As religious leader leaves New Hampshire Hospital, plans for her position unclear

Last modified: 1/5/2015 12:50:57 AM
For the last six years, Rachael Keefe has been there for patients – and staff – at New Hampshire Hospital in Concord with prayers, with answers to questions about spirituality, with a simple reassurance that they were not alone and there was a reason not to lose hope. As the institution’s chaplain, its lone religious staff member for the last several years, she was able to offer her own kind of therapy to those seeking recovery from serious mental illness.

“Spiritual care is essential to anyone’s well-being,” Keefe said. “When you’re in an acute psychiatric crisis, having someone who can offer hope – at its core, that’s what we do – is essential.”

Last month, Keefe accepted a new position with the United Church of Christ in Minneapolis, where she started work this week. Hospital officials have not yet decided how, or whether, they will replace her. Chief Executive Officer Robert MacLeod said the hospital is using Keefe’s departure as an opportunity to reassess whether it will take a different approach to religious offerings moving forward. In the past, the hospital has partnered with some local clergy to fill in leading its weekly Sunday services as needed, and MacLeod said that will likely be the interim solution until other plans are finalized.

“It’s important to the individuals who want it, and so we’re going to be mindful of that as we move forward and try to plan how we do it here,” MacLeod said. “Her leaving here certainly is something that requires us to figure out how to move forward, and that doesn’t minimize the importance of what she did here.”

Keefe, for her part, feels strongly that her position should be filled. Her role as an on-site chaplain – working five days a week, full time – went beyond leading weekly Sunday services in the hospital’s small chapel. She sometimes dealt with as many as 15 patients a day, by request, providing prayer, comfort and counseling to those of all faiths. In those conversations, Keefe witnessed firsthand how significant a simple affirmation can be to patients with severe depression, schizophrenia and other mental illnesses.

“When you can say, authentically, to someone who feels like their life has no value . . . ‘Your life has value – simply because you are,’ it can be a gift to that person,” Keefe said.

At other times, Keefe acted as a resource for hospital staff, helping them make sense of a patient’s religiosity. When someone is experiencing a mental health crisis, Keefe said, his or her sense of absolute moral authority – “the lines between right and wrong” – can sometimes become very rigid. Keefe has helped clinicians differentiate, for example, between instances in which a person is simply practicing a heightened devotion to religion or exhibiting a symptom of mental illness.

Keefe has also found herself working to counteract sometimes harmful assumptions about religion and mental health – the idea, for example, that someone might be mentally ill because he or she sinned.

“To have a conversation with people to help to remove some of that,” Keefe said, “it can really give people a sense that recovery is possible.”

If the hospital decides to replace Keefe, it may be a challenge to find someone who brings the specific blend of expertise in both religion and counseling. Before coming to New Hampshire Hospital, Keefe worked as a parish pastor and a pastoral psychotherapist. The job at the hospital, she said, offered an environment where she could blend both of those roles together.

In recent years, Keefe’s work to bridge the divide between mental health and spirituality has extended beyond the hospital. She has conducted workshops and offered assistance to local clergy around issues of mental illness.

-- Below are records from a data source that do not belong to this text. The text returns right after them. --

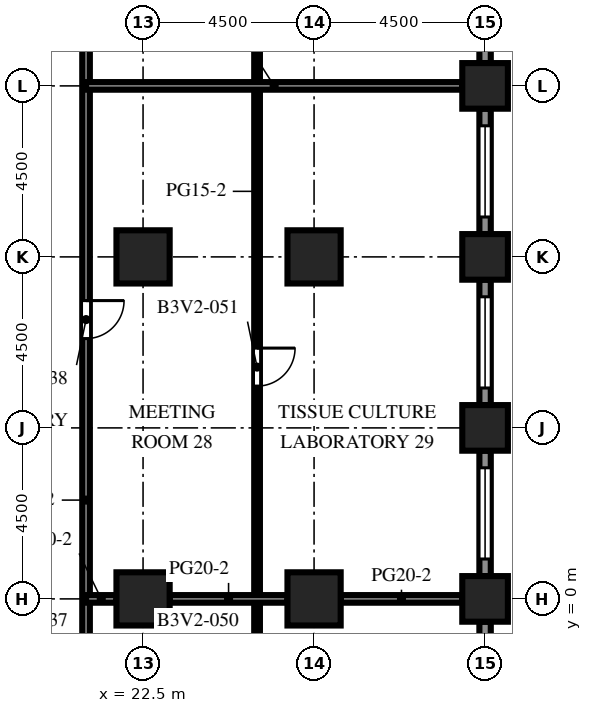
"""IFC4 building model, lengths in metres.
Left out: names, types, materials, properties, quantities, classifications, styles, units other than length and angle.
Written with IfcOpenShell. Run it as: python <this file> out.ifc"""

import sys

from ifc_helpers import new_model, si_unit, direction, frame, frame_2d, origin, origin_2d, place, context, subcontext, project, spatial, rectangle, extrude, element, fill, save


model = new_model("IFC4")
c1 = context("Model", 3, precision=1e-05, world=origin(), true_north=direction((0.0, 1.0)))
c2 = subcontext(c1, "Body", "Model", "MODEL_VIEW")
j1 = project(units=[si_unit("LENGTHUNIT", "METRE"), si_unit("PLANEANGLEUNIT", "RADIAN")], contexts=[c1])
p1 = place(None, origin())
s1 = spatial("IfcSite", under=j1, at=p1, CompositionType="ELEMENT")
p2 = place(p1, origin())
s2 = spatial("IfcBuilding", under=s1, at=p2, CompositionType="ELEMENT")
p3 = place(p2, frame((0.0, 0.0, 106.6)))
s3 = spatial("IfcBuildingStorey", under=s2, at=p3, CompositionType="ELEMENT", Elevation=106.6)
for number, where, z_axis, x_axis in (
    (1, (31.5, 0.0, 0.0), (0.0, 0.0, 1.0), (1.0, 0.0, 0.0)),
    (2, (31.5, 4.5, 0.0), (0.0, 0.0, 1.0), (1.0, 0.0, 0.0)),
    (3, (31.5, 9.0, 0.0), (0.0, 0.0, 1.0), (1.0, 0.0, 0.0)),
    (4, (31.5, 13.5, 0.0), (0.0, 0.0, 1.0), (1.0, 0.0, 0.0)),
):
    element("IfcColumn", number, at=place(p3, frame(where, z_axis=z_axis, x_axis=x_axis)), inside=s3, PredefinedType="COLUMN", context=c2, shape_type="SweptSolid", body=[
        extrude(rectangle(XDim=1.2, YDim=1.2, at=origin_2d()), origin(), (0.0, 0.0, 1.0), 4.1),
    ])
for number, where, z_axis, x_axis in (
    (5, (22.5, 0.0, 0.0), (0.0, 0.0, 1.0), (1.0, 0.0, 0.0)),
    (6, (22.5, 9.0, 0.0), (0.0, 0.0, 1.0), (1.0, 0.0, 0.0)),
    (7, (27.0, 0.0, 0.0), (0.0, 0.0, 1.0), (1.0, 0.0, 0.0)),
    (8, (27.0, 9.0, 0.0), (0.0, 0.0, 1.0), (1.0, 0.0, 0.0)),
):
    element("IfcColumn", number, at=place(p3, frame(where, z_axis=z_axis, x_axis=x_axis)), inside=s3, PredefinedType="COLUMN", context=c2, shape_type="SweptSolid", body=[
        extrude(rectangle(XDim=1.4, YDim=1.4, at=origin_2d()), origin(), (0.0, 0.0, 1.0), 4.1),
    ])
p4 = place(p3, frame((31.5, -0.6, 0.0), z_axis=(0.0, 0.0, 1.0), x_axis=(0.0, -1.0, 0.0)))
e9 = element("IfcWall", 9, at=p4, inside=s3, PredefinedType="SOLIDWALL", context=c2, shape_type="SweptSolid", body=[
    extrude(rectangle(XDim=3.3, YDim=0.3, at=frame_2d((1.65, 0.0))), origin(), (0.0, 0.0, 1.0), 2.6),
])
p5 = place(p4, frame((0.45, 0.0, 0.8)))
e10 = element("IfcOpeningElement", 10, at=p5, cuts=e9, PredefinedType="OPENING", context=c2, shape_type="SweptSolid", body=[
    extrude(rectangle(XDim=2.4, YDim=1.7, at=frame_2d((1.2, 0.85))), frame((0.0, 0.16, 0.0), z_axis=(0.0, -1.0, 0.0), x_axis=(1.0, 0.0, 0.0)), (0.0, 0.0, 1.0), 0.32),
])
p6 = place(p3, frame((31.5, 3.9, 0.0), z_axis=(0.0, 0.0, 1.0), x_axis=(0.0, -1.0, 0.0)))
e11 = element("IfcWall", 11, at=p6, inside=s3, PredefinedType="SOLIDWALL", context=c2, shape_type="SweptSolid", body=[
    extrude(rectangle(XDim=3.3, YDim=0.3, at=frame_2d((1.65, 0.0))), origin(), (0.0, 0.0, 1.0), 2.6),
])
p7 = place(p6, frame((0.45, 0.0, 0.8)))
e12 = element("IfcOpeningElement", 12, at=p7, cuts=e11, PredefinedType="OPENING", context=c2, shape_type="SweptSolid", body=[
    extrude(rectangle(XDim=2.4, YDim=1.7, at=frame_2d((1.2, 0.85))), frame((0.0, 0.16, 0.0), z_axis=(0.0, -1.0, 0.0), x_axis=(1.0, 0.0, 0.0)), (0.0, 0.0, 1.0), 0.32),
])
p8 = place(p3, frame((31.5, 8.4, 0.0), z_axis=(0.0, 0.0, 1.0), x_axis=(0.0, -1.0, 0.0)))
e13 = element("IfcWall", 13, at=p8, inside=s3, PredefinedType="SOLIDWALL", context=c2, shape_type="SweptSolid", body=[
    extrude(rectangle(XDim=3.3, YDim=0.3, at=frame_2d((1.65, 0.0))), origin(), (0.0, 0.0, 1.0), 2.6),
])
p9 = place(p8, frame((0.45, 0.0, 0.8)))
e14 = element("IfcOpeningElement", 14, at=p9, cuts=e13, PredefinedType="OPENING", context=c2, shape_type="SweptSolid", body=[
    extrude(rectangle(XDim=2.4, YDim=1.7, at=frame_2d((1.2, 0.85))), frame((0.0, 0.16, 0.0), z_axis=(0.0, -1.0, 0.0), x_axis=(1.0, 0.0, 0.0)), (0.0, 0.0, 1.0), 0.32),
])
p10 = place(p3, frame((31.5, 12.9, 0.0), z_axis=(0.0, 0.0, 1.0), x_axis=(0.0, -1.0, 0.0)))
e15 = element("IfcWall", 15, at=p10, inside=s3, PredefinedType="SOLIDWALL", context=c2, shape_type="SweptSolid", body=[
    extrude(rectangle(XDim=3.3, YDim=0.3, at=frame_2d((1.65, 0.0))), origin(), (0.0, 0.0, 1.0), 2.6),
])
p11 = place(p10, frame((0.45, 0.0, 0.8)))
e16 = element("IfcOpeningElement", 16, at=p11, cuts=e15, PredefinedType="OPENING", context=c2, shape_type="SweptSolid", body=[
    extrude(rectangle(XDim=2.4, YDim=1.7, at=frame_2d((1.2, 0.85))), frame((0.0, 0.16, 0.0), z_axis=(0.0, -1.0, 0.0), x_axis=(1.0, 0.0, 0.0)), (0.0, 0.0, 1.0), 0.32),
])
p12 = place(p3, frame((31.5, 17.4, 0.0), z_axis=(0.0, 0.0, 1.0), x_axis=(0.0, -1.0, 0.0)))
e17 = element("IfcWall", 17, at=p12, inside=s3, PredefinedType="SOLIDWALL", context=c2, shape_type="SweptSolid", body=[
    extrude(rectangle(XDim=3.3, YDim=0.3, at=frame_2d((1.65, 0.0))), origin(), (0.0, 0.0, 1.0), 2.6),
])
p13 = place(p12, frame((0.45, 0.0, 0.8)))
e18 = element("IfcOpeningElement", 18, at=p13, cuts=e17, PredefinedType="OPENING", context=c2, shape_type="SweptSolid", body=[
    extrude(rectangle(XDim=2.4, YDim=1.7, at=frame_2d((1.2, 0.85))), frame((0.0, 0.16, 0.0), z_axis=(0.0, -1.0, 0.0), x_axis=(1.0, 0.0, 0.0)), (0.0, 0.0, 1.0), 0.32),
])
p14 = place(p3, frame((21.0, 31.35, 0.0), z_axis=(0.0, 0.0, 1.0), x_axis=(0.0, -1.0, 0.0)))
e19 = element("IfcWall", 19, at=p14, inside=s3, PredefinedType="PARTITIONING", context=c2, shape_type="SweptSolid", body=[
    extrude(rectangle(XDim=53.7, YDim=0.2, at=frame_2d((26.85, 0.0))), origin(), (0.0, 0.0, 1.0), 3.5),
])
p15 = place(p14, frame((50.5, 0.0, 0.0)))
e20 = element("IfcOpeningElement", 20, at=p15, cuts=e19, PredefinedType="OPENING", context=c2, shape_type="SweptSolid", body=[
    extrude(rectangle(XDim=1.0, YDim=2.1, at=frame_2d((0.5, 1.05))), frame((0.0, 0.11, 0.0), z_axis=(0.0, -1.0, 0.0), x_axis=(1.0, 0.0, 0.0)), (0.0, 0.0, 1.0), 0.22),
])
p16 = place(p14, frame((46.5, 0.0, 0.0)))
e21 = element("IfcOpeningElement", 21, at=p16, cuts=e19, PredefinedType="OPENING", context=c2, shape_type="SweptSolid", body=[
    extrude(rectangle(XDim=1.0, YDim=2.1, at=frame_2d((0.5, 1.05))), frame((0.0, 0.11, 0.0), z_axis=(0.0, -1.0, 0.0), x_axis=(1.0, 0.0, 0.0)), (0.0, 0.0, 1.0), 0.22),
])
p17 = place(p14, frame((38.5, 0.0, 0.0)))
e22 = element("IfcOpeningElement", 22, at=p17, cuts=e19, PredefinedType="OPENING", context=c2, shape_type="SweptSolid", body=[
    extrude(rectangle(XDim=1.0, YDim=2.1, at=frame_2d((0.5, 1.05))), frame((0.0, 0.11, 0.0), z_axis=(0.0, -1.0, 0.0), x_axis=(1.0, 0.0, 0.0)), (0.0, 0.0, 1.0), 0.22),
])
p18 = place(p14, frame((33.0, 0.0, 0.0)))
e23 = element("IfcOpeningElement", 23, at=p18, cuts=e19, PredefinedType="OPENING", context=c2, shape_type="SweptSolid", body=[
    extrude(rectangle(XDim=1.0, YDim=2.1, at=frame_2d((0.5, 1.05))), frame((0.0, 0.11, 0.0), z_axis=(0.0, -1.0, 0.0), x_axis=(1.0, 0.0, 0.0)), (0.0, 0.0, 1.0), 0.22),
])
p19 = place(p14, frame((23.5, 0.0, 0.0)))
e24 = element("IfcOpeningElement", 24, at=p19, cuts=e19, PredefinedType="OPENING", context=c2, shape_type="SweptSolid", body=[
    extrude(rectangle(XDim=1.0, YDim=2.1, at=frame_2d((0.5, 1.05))), frame((0.0, 0.11, 0.0), z_axis=(0.0, -1.0, 0.0), x_axis=(1.0, 0.0, 0.0)), (0.0, 0.0, 1.0), 0.22),
])
p20 = place(p14, frame((15.75, 0.0, 0.0)))
e25 = element("IfcOpeningElement", 25, at=p20, cuts=e19, PredefinedType="OPENING", context=c2, shape_type="SweptSolid", body=[
    extrude(rectangle(XDim=1.0, YDim=2.1, at=frame_2d((0.5, 1.05))), frame((0.0, 0.11, 0.0), z_axis=(0.0, -1.0, 0.0), x_axis=(1.0, 0.0, 0.0)), (0.0, 0.0, 1.0), 0.22),
])
p21 = place(p14, frame((7.0, 0.0, 0.0)))
e26 = element("IfcOpeningElement", 26, at=p21, cuts=e19, PredefinedType="OPENING", context=c2, shape_type="SweptSolid", body=[
    extrude(rectangle(XDim=1.0, YDim=2.1, at=frame_2d((0.5, 1.05))), frame((0.0, 0.11, 0.0), z_axis=(0.0, -1.0, 0.0), x_axis=(1.0, 0.0, 0.0)), (0.0, 0.0, 1.0), 0.22),
])
p22 = place(p14, frame((1.0, 0.0, 0.0)))
e27 = element("IfcOpeningElement", 27, at=p22, cuts=e19, PredefinedType="OPENING", context=c2, shape_type="SweptSolid", body=[
    extrude(rectangle(XDim=1.0, YDim=2.1, at=frame_2d((0.5, 1.05))), frame((0.0, 0.11, 0.0), z_axis=(0.0, -1.0, 0.0), x_axis=(1.0, 0.0, 0.0)), (0.0, 0.0, 1.0), 0.22),
])
p23 = place(p3, frame((25.5, 31.35, 0.0), z_axis=(0.0, 0.0, 1.0), x_axis=(0.0, -1.0, 0.0)))
e28 = element("IfcWall", 28, at=p23, inside=s3, PredefinedType="PARTITIONING", context=c2, shape_type="SweptSolid", body=[
    extrude(rectangle(XDim=53.7, YDim=0.15, at=frame_2d((26.85, 0.0))), origin(), (0.0, 0.0, 1.0), 3.5),
])
p24 = place(p23, frame((50.5, 0.0, 0.0)))
e29 = element("IfcOpeningElement", 29, at=p24, cuts=e28, PredefinedType="OPENING", context=c2, shape_type="SweptSolid", body=[
    extrude(rectangle(XDim=1.0, YDim=2.1, at=frame_2d((0.5, 1.05))), frame((0.0, 0.085, 0.0), z_axis=(0.0, -1.0, 0.0), x_axis=(1.0, 0.0, 0.0)), (0.0, 0.0, 1.0), 0.17),
])
p25 = place(p23, frame((46.25, 0.0, 0.0)))
e30 = element("IfcOpeningElement", 30, at=p25, cuts=e28, PredefinedType="OPENING", context=c2, shape_type="SweptSolid", body=[
    extrude(rectangle(XDim=1.0, YDim=2.1, at=frame_2d((0.5, 1.05))), frame((0.0, 0.085, 0.0), z_axis=(0.0, -1.0, 0.0), x_axis=(1.0, 0.0, 0.0)), (0.0, 0.0, 1.0), 0.17),
])
p26 = place(p23, frame((38.5, 0.0, 0.0)))
e31 = element("IfcOpeningElement", 31, at=p26, cuts=e28, PredefinedType="OPENING", context=c2, shape_type="SweptSolid", body=[
    extrude(rectangle(XDim=1.0, YDim=2.1, at=frame_2d((0.5, 1.05))), frame((0.0, 0.085, 0.0), z_axis=(0.0, -1.0, 0.0), x_axis=(1.0, 0.0, 0.0)), (0.0, 0.0, 1.0), 0.17),
])
p27 = place(p23, frame((33.0, 0.0, 0.0)))
e32 = element("IfcOpeningElement", 32, at=p27, cuts=e28, PredefinedType="OPENING", context=c2, shape_type="SweptSolid", body=[
    extrude(rectangle(XDim=1.0, YDim=2.1, at=frame_2d((0.5, 1.05))), frame((0.0, 0.085, 0.0), z_axis=(0.0, -1.0, 0.0), x_axis=(1.0, 0.0, 0.0)), (0.0, 0.0, 1.0), 0.17),
])
p28 = place(p23, frame((24.75, 0.0, 0.0)))
e33 = element("IfcOpeningElement", 33, at=p28, cuts=e28, PredefinedType="OPENING", context=c2, shape_type="SweptSolid", body=[
    extrude(rectangle(XDim=1.0, YDim=2.1, at=frame_2d((0.5, 1.05))), frame((0.0, 0.085, 0.0), z_axis=(0.0, -1.0, 0.0), x_axis=(1.0, 0.0, 0.0)), (0.0, 0.0, 1.0), 0.17),
])
p29 = place(p23, frame((15.5, 0.0, 0.0)))
e34 = element("IfcOpeningElement", 34, at=p29, cuts=e28, PredefinedType="OPENING", context=c2, shape_type="SweptSolid", body=[
    extrude(rectangle(XDim=1.0, YDim=2.1, at=frame_2d((0.5, 1.05))), frame((0.0, 0.085, 0.0), z_axis=(0.0, -1.0, 0.0), x_axis=(1.0, 0.0, 0.0)), (0.0, 0.0, 1.0), 0.17),
])
p30 = place(p23, frame((9.75, 0.0, 0.0)))
e35 = element("IfcOpeningElement", 35, at=p30, cuts=e28, PredefinedType="OPENING", context=c2, shape_type="SweptSolid", body=[
    extrude(rectangle(XDim=1.0, YDim=2.1, at=frame_2d((0.5, 1.05))), frame((0.0, 0.085, 0.0), z_axis=(0.0, -1.0, 0.0), x_axis=(1.0, 0.0, 0.0)), (0.0, 0.0, 1.0), 0.17),
])
p31 = place(p23, frame((1.5, 0.0, 0.0)))
e36 = element("IfcOpeningElement", 36, at=p31, cuts=e28, PredefinedType="OPENING", context=c2, shape_type="SweptSolid", body=[
    extrude(rectangle(XDim=1.0, YDim=2.1, at=frame_2d((0.5, 1.05))), frame((0.0, 0.085, 0.0), z_axis=(0.0, -1.0, 0.0), x_axis=(1.0, 0.0, 0.0)), (0.0, 0.0, 1.0), 0.17),
])
p32 = place(p3, frame((21.0, 0.0, 0.0), z_axis=(0.0, 0.0, 1.0), x_axis=(1.0, 0.0, 0.0)))
e37 = element("IfcWall", 37, at=p32, inside=s3, PredefinedType="PARTITIONING", context=c2, shape_type="SweptSolid", body=[
    extrude(rectangle(XDim=0.8, YDim=0.2, at=frame_2d((0.4, 0.0))), origin(), (0.0, 0.0, 1.0), 3.5),
])
p33 = place(p3, frame((23.2, 0.0, 0.0), z_axis=(0.0, 0.0, 1.0), x_axis=(1.0, 0.0, 0.0)))
e38 = element("IfcWall", 38, at=p33, inside=s3, PredefinedType="PARTITIONING", context=c2, shape_type="SweptSolid", body=[
    extrude(rectangle(XDim=3.1, YDim=0.2, at=frame_2d((1.55, 0.0))), origin(), (0.0, 0.0, 1.0), 3.5),
])
p34 = place(p3, frame((27.7, 0.0, 0.0), z_axis=(0.0, 0.0, 1.0), x_axis=(1.0, 0.0, 0.0)))
e39 = element("IfcWall", 39, at=p34, inside=s3, PredefinedType="PARTITIONING", context=c2, shape_type="SweptSolid", body=[
    extrude(rectangle(XDim=3.2, YDim=0.2, at=frame_2d((1.6, 0.0))), origin(), (0.0, 0.0, 1.0), 3.5),
])
p35 = place(p3, frame((21.0, 13.5, 0.0), z_axis=(0.0, 0.0, 1.0), x_axis=(1.0, 0.0, 0.0)))
e40 = element("IfcWall", 40, at=p35, inside=s3, PredefinedType="PARTITIONING", context=c2, shape_type="SweptSolid", body=[
    extrude(rectangle(XDim=9.9, YDim=0.2, at=frame_2d((4.95, 0.0))), origin(), (0.0, 0.0, 1.0), 3.5),
])
p36 = place(p7, origin())
e41 = element("IfcWindow", 41, at=p36, inside=s3, PartitioningType="SINGLE_PANEL", PredefinedType="WINDOW", context=c2, shape_type="SweptSolid", body=[
    extrude(rectangle(XDim=2.4, YDim=1.7, at=frame_2d((1.2, 0.85))), frame((0.0, 0.03, 0.0), z_axis=(0.0, -1.0, 0.0), x_axis=(1.0, 0.0, 0.0)), (0.0, 0.0, 1.0), 0.06),
])
fill(e12, e41)
p37 = place(p9, origin())
e42 = element("IfcWindow", 42, at=p37, inside=s3, PartitioningType="SINGLE_PANEL", PredefinedType="WINDOW", context=c2, shape_type="SweptSolid", body=[
    extrude(rectangle(XDim=2.4, YDim=1.7, at=frame_2d((1.2, 0.85))), frame((0.0, 0.03, 0.0), z_axis=(0.0, -1.0, 0.0), x_axis=(1.0, 0.0, 0.0)), (0.0, 0.0, 1.0), 0.06),
])
fill(e14, e42)
p38 = place(p11, origin())
e43 = element("IfcWindow", 43, at=p38, inside=s3, PartitioningType="SINGLE_PANEL", PredefinedType="WINDOW", context=c2, shape_type="SweptSolid", body=[
    extrude(rectangle(XDim=2.4, YDim=1.7, at=frame_2d((1.2, 0.85))), frame((0.0, 0.03, 0.0), z_axis=(0.0, -1.0, 0.0), x_axis=(1.0, 0.0, 0.0)), (0.0, 0.0, 1.0), 0.06),
])
fill(e16, e43)
p39 = place(p19, origin())
e44 = element("IfcDoor", 44, at=p39, inside=s3, OperationType="SINGLE_SWING_LEFT", PredefinedType="DOOR", context=c2, shape_type="SweptSolid", body=[
    extrude(rectangle(XDim=1.0, YDim=2.1, at=frame_2d((0.5, 1.05))), frame((0.0, 0.025, 0.0), z_axis=(0.0, -1.0, 0.0), x_axis=(1.0, 0.0, 0.0)), (0.0, 0.0, 1.0), 0.05),
])
fill(e24, e44)
p40 = place(p28, origin())
e45 = element("IfcDoor", 45, at=p40, inside=s3, OperationType="SINGLE_SWING_LEFT", PredefinedType="DOOR", context=c2, shape_type="SweptSolid", body=[
    extrude(rectangle(XDim=1.0, YDim=2.1, at=frame_2d((0.5, 1.05))), frame((0.0, 0.025, 0.0), z_axis=(0.0, -1.0, 0.0), x_axis=(1.0, 0.0, 0.0)), (0.0, 0.0, 1.0), 0.05),
])
fill(e33, e45)
save(model, sys.argv[1])

Keefe is not the only one who would like to see her role live on at the hospital. Ken Norton, executive director of the National Alliance on Mental Illness New Hampshire, said he also hopes the hospital retains someone as an “embedded” religious resource. Such a presence is not only valuable for patients, he pointed out, but also for hospital staff. Working at the hospital, he said, is “extremely demanding” for many reasons – the pressure around admitting and discharging patients, and the presence of occasional tragedies such as suicides or deaths due to medical conditions, to name a few.

“Having a pastoral counselor or spiritual leader allows for those needs to be met and more easily accessed than if it were folks coming in from the community,” Norton said.

And while the mental health community has occasionally underestimated the importance of spirituality, Norton said he has since realized the power of integrating religion as needed into someone’s treatment for mental illness.

“What I’ve come to learn, on many different levels, is that there’s many different paths to recovery,” Norton said. “There’s the traditional medical model, medications, paying attention to physical health, exercise, diet, nutrition – and certainly spirituality is one of those key components for people.”